Mammalian hosts differ substantially in their ability to maintain systemic infections with Borrelia pathogens [71]. Competent hosts, such as rodents, can maintain long-lived, chronic infections in their tissues [72, 73]. Incompetent hosts, such as deer, do not develop systemic infections [7476], but such hosts can still develop a strong antibody response to Borrelia pathogens [77, 78]. Whether or not bears are competent hosts for Borrelia pathogens is currently unknown. A study on Lyme disease in the American black bear isolated spirochetes from blood and kidney samples, but no PCR was conducted to confirm pathogen identity [26]. In our study, none of the tissue samples from the 16 bears tested positive for B. burgdorferi s. l. DNA. Consistent with our results, previous studies also have shown that bears develop antibodies against Borrelia pathogens [69, 70]. It is possible that bears, like deer, may act as sentinel hosts for Borrelia pathogens without developing a systemic infection.

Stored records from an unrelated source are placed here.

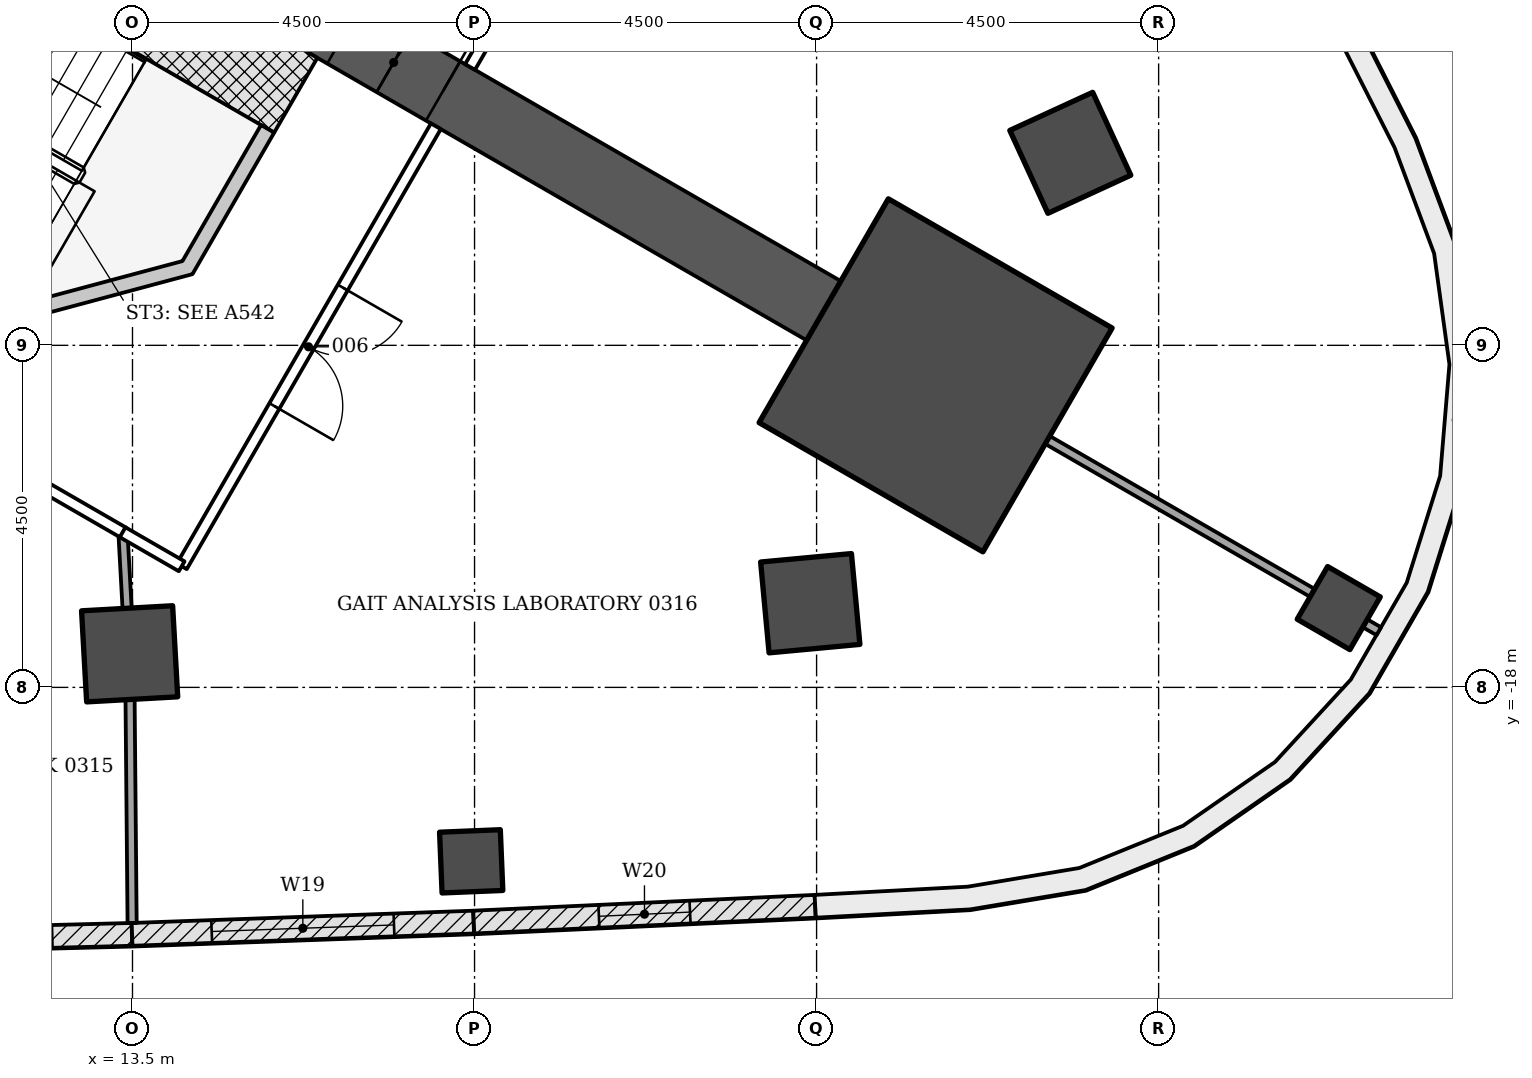
"""IFC4 building model, lengths in metres.
Left out: names, types, materials, properties, quantities, classifications, styles, units other than length and angle.
Written with IfcOpenShell. Run it as: python <this file> out.ifc"""

import sys

from ifc_helpers import new_model, si_unit, direction, frame, frame_2d, origin, origin_2d, place, context, subcontext, project, spatial, polyline, rectangle, outline, extrude, element, fill, save


model = new_model("IFC4")
c1 = context("Model", 3, precision=1e-05, world=origin(), true_north=direction((0.0, 1.0)))
c2 = subcontext(c1, "Body", "Model", "MODEL_VIEW")
j1 = project(units=[si_unit("LENGTHUNIT", "METRE"), si_unit("PLANEANGLEUNIT", "RADIAN")], contexts=[c1])
p1 = place(None, origin())
s1 = spatial("IfcSite", under=j1, at=p1, CompositionType="ELEMENT")
p2 = place(p1, origin())
s2 = spatial("IfcBuilding", under=s1, at=p2, CompositionType="ELEMENT")
p3 = place(p2, frame((0.0, 0.0, 15.0)))
s3 = spatial("IfcBuildingStorey", under=s2, at=p3, CompositionType="ELEMENT", Elevation=15.0)
for number, where, z_axis, x_axis in (
    (1, (13.462, -17.558, -0.25), (0.0, 0.0, 1.0), (0.056, -0.998, 0.0)),
    (2, (22.417, -16.893, -0.25), (0.0, 0.0, 1.0), (0.093, -0.996, 0.0)),
    (3, (25.838, -10.967, -0.25), (0.0, 0.0, 1.0), (0.909, 0.418, 0.0)),
):
    element("IfcColumn", number, at=place(p3, frame(where, z_axis=z_axis, x_axis=x_axis)), inside=s3, PredefinedType="COLUMN", context=c2, shape_type="SweptSolid", body=[
        extrude(rectangle(XDim=1.2, YDim=1.2, at=origin_2d()), origin(), (0.0, 0.0, 1.0), 4.5),
    ])
for number, where, z_axis, x_axis in (
    (4, (17.956, -20.288, -0.25), (0.0, 0.0, 1.0), (0.041, -0.999, 0.0)),
    (5, (29.37, -16.957, -0.25), (0.0, 0.0, 1.0), (0.866, -0.5, 0.0)),
):
    element("IfcColumn", number, at=place(p3, frame(where, z_axis=z_axis, x_axis=x_axis)), inside=s3, PredefinedType="COLUMN", context=c2, shape_type="SweptSolid", body=[
        extrude(rectangle(XDim=0.8, YDim=0.8, at=origin_2d()), origin(), (0.0, 0.0, 1.0), 4.5),
    ])
p4 = place(p3, frame((9.922, -5.728, -0.25), z_axis=(0.0, 0.0, 1.0), x_axis=(0.866028046028, -0.499995423472, 0.0)))
e6 = element("IfcWall", 6, at=p4, inside=s3, PredefinedType="SHEAR", context=c2, shape_type="SweptSolid", body=[
    extrude(rectangle(XDim=14.633, YDim=0.9, at=frame_2d((7.316, 0.0))), origin(), (0.0, 0.0, 1.0), 4.5),
])
p5 = place(p4, frame((7.35, 0.0, 0.25)))
e7 = element("IfcOpeningElement", 7, at=p5, cuts=e6, PredefinedType="OPENING", context=c2, shape_type="SweptSolid", body=[
    extrude(rectangle(XDim=1.5, YDim=2.1, at=frame_2d((0.75, 1.05))), frame((0.0, 0.46, 0.0), z_axis=(0.0, -1.0, 0.0), x_axis=(1.0, 0.0, 0.0)), (0.0, 0.0, 1.0), 0.92),
])
p6 = place(p3, frame((24.066, -13.895, -0.25), z_axis=(0.0, 0.0, 1.0), x_axis=(0.866025403784, -0.5, 0.0)))
e8 = element("IfcColumn", 8, at=p6, inside=s3, PredefinedType="COLUMN", context=c2, shape_type="SweptSolid", body=[
    extrude(rectangle(XDim=3.4, YDim=3.4, at=origin_2d()), origin(), (0.0, 0.0, 1.0), 4.5),
])
p7 = place(p3, frame((13.492, -21.25, 0.0), z_axis=(0.0, 0.0, 1.0), x_axis=(-0.999671466587, -0.025631209312, 0.0)))
e9 = element("IfcWall", 9, at=p7, inside=s3, PredefinedType="NOTDEFINED", context=c2, shape_type="SweptSolid", body=[
    extrude(rectangle(XDim=4.496, YDim=0.3, at=frame_2d((2.248, 0.0))), origin(), (0.0, 0.0, 1.0), 4.25),
])
p8 = place(p7, frame((1.048, 0.0, 0.9)))
e10 = element("IfcOpeningElement", 10, at=p8, cuts=e9, PredefinedType="OPENING", context=c2, shape_type="SweptSolid", body=[
    extrude(rectangle(XDim=2.4, YDim=2.4, at=frame_2d((1.2, 1.2))), frame((0.0, 0.16, 0.0), z_axis=(0.0, -1.0, 0.0), x_axis=(1.0, 0.0, 0.0)), (0.0, 0.0, 1.0), 0.32),
])
p9 = place(p3, frame((17.988, -21.088, 0.0), z_axis=(0.0, 0.0, 1.0), x_axis=(-0.999355640029, -0.035892962294, 0.0)))
e11 = element("IfcWall", 11, at=p9, inside=s3, PredefinedType="NOTDEFINED", context=c2, shape_type="SweptSolid", body=[
    extrude(rectangle(XDim=4.496, YDim=0.3, at=frame_2d((2.248, 0.0))), origin(), (0.0, 0.0, 1.0), 4.25),
])
p10 = place(p9, frame((1.048, 0.0, 0.9)))
e12 = element("IfcOpeningElement", 12, at=p10, cuts=e11, PredefinedType="OPENING", context=c2, shape_type="SweptSolid", body=[
    extrude(rectangle(XDim=2.4, YDim=2.4, at=frame_2d((1.2, 1.2))), frame((0.0, 0.16, 0.0), z_axis=(0.0, -1.0, 0.0), x_axis=(1.0, 0.0, 0.0)), (0.0, 0.0, 1.0), 0.32),
])
p11 = place(p3, frame((22.481, -20.88, 0.0), z_axis=(0.0, 0.0, 1.0), x_axis=(-0.998931717866, -0.046210637742, 0.0)))
e13 = element("IfcWall", 13, at=p11, inside=s3, PredefinedType="NOTDEFINED", context=c2, shape_type="SweptSolid", body=[
    extrude(rectangle(XDim=4.496, YDim=0.3, at=frame_2d((2.248, 0.0))), origin(), (0.0, 0.0, 1.0), 4.25),
])
p12 = place(p11, frame((1.648, 0.0, 0.8)))
e14 = element("IfcOpeningElement", 14, at=p12, cuts=e13, PredefinedType="OPENING", context=c2, shape_type="SweptSolid", body=[
    extrude(rectangle(XDim=1.2, YDim=3.0, at=frame_2d((0.6, 1.5))), frame((0.0, 0.16, 0.0), z_axis=(0.0, -1.0, 0.0), x_axis=(1.0, 0.0, 0.0)), (0.0, 0.0, 1.0), 0.32),
])
p13 = place(p3, origin())
e15 = element("IfcWall", 15, at=p13, inside=s3, PredefinedType="NOTDEFINED", context=c2, shape_type="SweptSolid", body=[
    extrude(outline(polyline([(22.49, -21.03), (24.522, -20.921), (26.04, -20.666), (27.465, -20.086), (28.729, -19.209), (29.771, -18.077), (30.54, -16.744), (31.0, -15.276), (31.128, -13.742), (30.917, -12.218), (30.379, -10.776), (29.457, -8.962), (29.19, -9.098), (30.104, -10.897), (30.625, -12.292), (30.826, -13.75), (30.704, -15.218), (30.264, -16.623), (29.528, -17.898), (28.531, -18.981), (27.321, -19.821), (25.957, -20.376), (24.489, -20.622), (22.474, -20.73), (22.49, -21.03)])), origin(), (0.0, 0.0, 1.0), 4.25),
])
p14 = place(p3, frame((9.413, -6.61, -0.25), z_axis=(0.0, 0.0, 1.0), x_axis=(0.866018442252, -0.500012057535, 0.0)))
e16 = element("IfcWall", 16, at=p14, inside=s3, PredefinedType="SHEAR", context=c2, shape_type="SweptSolid", body=[
    extrude(rectangle(XDim=7.2, YDim=1.136, at=frame_2d((3.6, 0.0))), origin(), (0.0, 0.0, 1.0), 4.5),
])
p15 = place(p3, frame((0.0, 0.0, -0.25)))
e17 = element("IfcWall", 17, at=p15, inside=s3, PredefinedType="SHEAR", context=c2, shape_type="SweptSolid", body=[
    extrude(outline(polyline([(12.104, -13.149), (14.289, -12.563), (15.364, -10.701), (15.191, -10.601), (14.157, -12.392), (12.132, -12.934), (12.204, -12.976), (12.204, -12.976), (12.204, -12.976), (12.204, -12.976), (12.204, -12.976), (12.204, -12.976), (12.204, -12.976), (12.204, -12.976), (12.204, -12.976), (12.204, -12.976), (12.204, -12.976), (12.204, -12.976), (12.204, -12.976), (12.204, -12.976), (12.204, -12.976), (12.204, -12.976), (12.204, -12.976), (12.104, -13.149)])), origin(), (0.0, 0.0, 1.0), 4.5),
])
p16 = place(p3, frame((13.429, -16.959, 0.0), z_axis=(0.0, 0.0, 1.0), x_axis=(-0.055063393043, 0.998482860517, 0.0)))
e18 = element("IfcWall", 18, at=p16, inside=s3, PredefinedType="PARTITIONING", context=c2, shape_type="SweptSolid", body=[
    extrude(rectangle(XDim=0.998, YDim=0.12, at=frame_2d((0.499, 0.0))), origin(), (0.0, 0.0, 1.0), 3.638),
])
p17 = place(p3, frame((13.495, -21.099, 0.0), z_axis=(0.0, 0.0, 1.0), x_axis=(-0.009216581037, 0.999957526415, 0.0)))
e19 = element("IfcWall", 19, at=p17, inside=s3, PredefinedType="PARTITIONING", context=c2, shape_type="SweptSolid", body=[
    extrude(rectangle(XDim=2.94, YDim=0.12, at=frame_2d((1.47, 0.0))), origin(), (0.0, 0.0, 1.0), 3.633),
])
p18 = place(p3, frame((13.377, -15.962, 0.0), z_axis=(0.0, 0.0, 1.0), x_axis=(-0.866049926484, 0.499957523033, 0.0)))
e20 = element("IfcWall", 20, at=p18, inside=s3, PredefinedType="PARTITIONING", context=c2, shape_type="SweptSolid", body=[
    extrude(rectangle(XDim=5.274, YDim=0.15, at=frame_2d((2.637, 0.0))), origin(), (0.0, 0.0, 1.0), 3.638),
])
p19 = place(p18, frame((2.15, 0.0, 0.0)))
e21 = element("IfcOpeningElement", 21, at=p19, cuts=e20, PredefinedType="OPENING", context=c2, shape_type="SweptSolid", body=[
    extrude(rectangle(XDim=1.0, YDim=2.1, at=frame_2d((0.5, 1.05))), frame((0.0, 0.085, 0.0), z_axis=(0.0, -1.0, 0.0), x_axis=(1.0, 0.0, 0.0)), (0.0, 0.0, 1.0), 0.17),
])
p20 = place(p3, frame((17.491, -10.618, 0.0), z_axis=(0.0, 0.0, 1.0), x_axis=(-0.499969057507, -0.866043267704, 0.0)))
e22 = element("IfcWall", 22, at=p20, inside=s3, PredefinedType="PARTITIONING", context=c2, shape_type="SweptSolid", body=[
    extrude(rectangle(XDim=6.685, YDim=0.15, at=frame_2d((3.342, 0.0))), origin(), (0.0, 0.0, 1.0), 3.638),
])
p21 = place(p20, frame((2.45, 0.0, 0.0)))
e23 = element("IfcOpeningElement", 23, at=p21, cuts=e22, PredefinedType="OPENING", context=c2, shape_type="SweptSolid", body=[
    extrude(rectangle(XDim=1.8, YDim=2.1, at=frame_2d((0.9, 1.05))), frame((0.0, 0.085, 0.0), z_axis=(0.0, -1.0, 0.0), x_axis=(1.0, 0.0, 0.0)), (0.0, 0.0, 1.0), 0.17),
])
p22 = place(p3, frame((14.147, -16.407, 0.0), z_axis=(0.0, 0.0, 1.0), x_axis=(-0.866276218641, 0.499565324075, 0.0)))
e24 = element("IfcWall", 24, at=p22, inside=s3, PredefinedType="PARTITIONING", context=c2, shape_type="SweptSolid", body=[
    extrude(rectangle(XDim=0.897, YDim=0.15, at=frame_2d((0.448, 0.0))), origin(), (0.0, 0.0, 1.0), 3.638),
])
p23 = place(p3, frame((29.023, -16.757, 0.0), z_axis=(0.0, 0.0, 1.0), x_axis=(-0.866027971625, 0.499995552344, 0.0)))
e25 = element("IfcWall", 25, at=p23, inside=s3, PredefinedType="PARTITIONING", context=c2, shape_type="SweptSolid", body=[
    extrude(rectangle(XDim=4.024, YDim=0.12, at=frame_2d((2.012, 0.0))), origin(), (0.0, 0.0, 1.0), 3.717),
])
p24 = place(p3, frame((29.896, -17.261, 0.0), z_axis=(0.0, 0.0, 1.0), x_axis=(-0.865774595023, 0.500434162116, 0.0)))
e26 = element("IfcWall", 26, at=p24, inside=s3, PredefinedType="PARTITIONING", context=c2, shape_type="SweptSolid", body=[
    extrude(rectangle(XDim=0.208, YDim=0.12, at=frame_2d((0.104, 0.0))), origin(), (0.0, 0.0, 1.0), 4.25),
])
p25 = place(p3, frame((18.84, -8.281, 0.0), z_axis=(0.0, 0.0, 1.0), x_axis=(-0.500126010714, -0.86595263924, 0.0)))
e27 = element("IfcWall", 27, at=p25, inside=s3, PredefinedType="PARTITIONING", context=c2, shape_type="SweptSolid", body=[
    extrude(rectangle(XDim=1.798, YDim=0.15, at=frame_2d((0.899, 0.0))), origin(), (0.0, 0.0, 1.0), 3.638),
])
p26 = place(p8, origin())
e28 = element("IfcWindow", 28, at=p26, inside=s3, PartitioningType="DOUBLE_PANEL_VERTICAL", PredefinedType="WINDOW", context=c2, shape_type="SweptSolid", body=[
    extrude(rectangle(XDim=2.4, YDim=2.4, at=frame_2d((1.2, 1.2))), frame((0.0, 0.03, 0.0), z_axis=(0.0, -1.0, 0.0), x_axis=(1.0, 0.0, 0.0)), (0.0, 0.0, 1.0), 0.06),
])
fill(e10, e28)
p27 = place(p10, origin())
e29 = element("IfcWindow", 29, at=p27, inside=s3, PartitioningType="DOUBLE_PANEL_VERTICAL", PredefinedType="WINDOW", context=c2, shape_type="SweptSolid", body=[
    extrude(rectangle(XDim=2.4, YDim=2.4, at=frame_2d((1.2, 1.2))), frame((0.0, 0.03, 0.0), z_axis=(0.0, -1.0, 0.0), x_axis=(1.0, 0.0, 0.0)), (0.0, 0.0, 1.0), 0.06),
])
fill(e12, e29)
p28 = place(p12, origin())
e30 = element("IfcWindow", 30, at=p28, inside=s3, PartitioningType="SINGLE_PANEL", PredefinedType="WINDOW", context=c2, shape_type="SweptSolid", body=[
    extrude(rectangle(XDim=1.2, YDim=3.0, at=frame_2d((0.6, 1.5))), frame((0.0, 0.03, 0.0), z_axis=(0.0, -1.0, 0.0), x_axis=(1.0, 0.0, 0.0)), (0.0, 0.0, 1.0), 0.06),
])
fill(e14, e30)
p29 = place(p21, origin())
e31 = element("IfcDoor", 31, at=p29, inside=s3, OperationType="DOUBLE_DOOR_SINGLE_SWING", PredefinedType="DOOR", context=c2, shape_type="SweptSolid", body=[
    extrude(rectangle(XDim=1.8, YDim=2.1, at=frame_2d((0.9, 1.05))), frame((0.0, 0.025, 0.0), z_axis=(0.0, -1.0, 0.0), x_axis=(1.0, 0.0, 0.0)), (0.0, 0.0, 1.0), 0.05),
])
fill(e23, e31)
p30 = place(p5, origin())
e32 = element("IfcDoor", 32, at=p30, inside=s3, OperationType="DOUBLE_DOOR_SINGLE_SWING", PredefinedType="DOOR", context=c2, shape_type="SweptSolid", body=[
    extrude(rectangle(XDim=1.5, YDim=2.1, at=frame_2d((0.75, 1.05))), frame((0.0, 0.025, 0.0), z_axis=(0.0, -1.0, 0.0), x_axis=(1.0, 0.0, 0.0)), (0.0, 0.0, 1.0), 0.05),
])
fill(e7, e32)
save(model, sys.argv[1])

Cross-immunity is a potentially confounding factor in any serological survey. Antibodies developed against other pathogens could be cross-reactive with the antigens used in our assays. For example, antibodies developed against Treponema sp. in humans can cross-react with the antigens of Borrelia burgdorferi s. l. pathogens [79, 80]. Thus we cannot exclude the possibility that unknown microbial pathogens of the brown bear may have contributed to the background absorbance observed in the serum samples of this study. Future studies should use immunoblotting to further confirm the specificity of the anti-Borrelia IgG antibody response in brown bears and other wild animal populations.

Conclusions

Our long-term serological study of the Scandinavian brown bear provides evidence consistent with the observation that ticks and tick-borne pathogens are expanding their abundance and prevalence, respectively, in northern Europe. Bears in the southern area, where I. ricinus ticks have been reported, had higher values of anti-Borrelia IgG antibodies than bears at the northern area, where I. ricinus ticks are believed to be less common. Over the 18 years of the study, the value of anti-Borrelia IgG antibodies increased in the southern area, but not the northern area. Our study suggests that long-term serological monitoring of large mammals can provide insight into changes in the distribution of ticks and tick-borne diseases, and perhaps the reasons for these changes.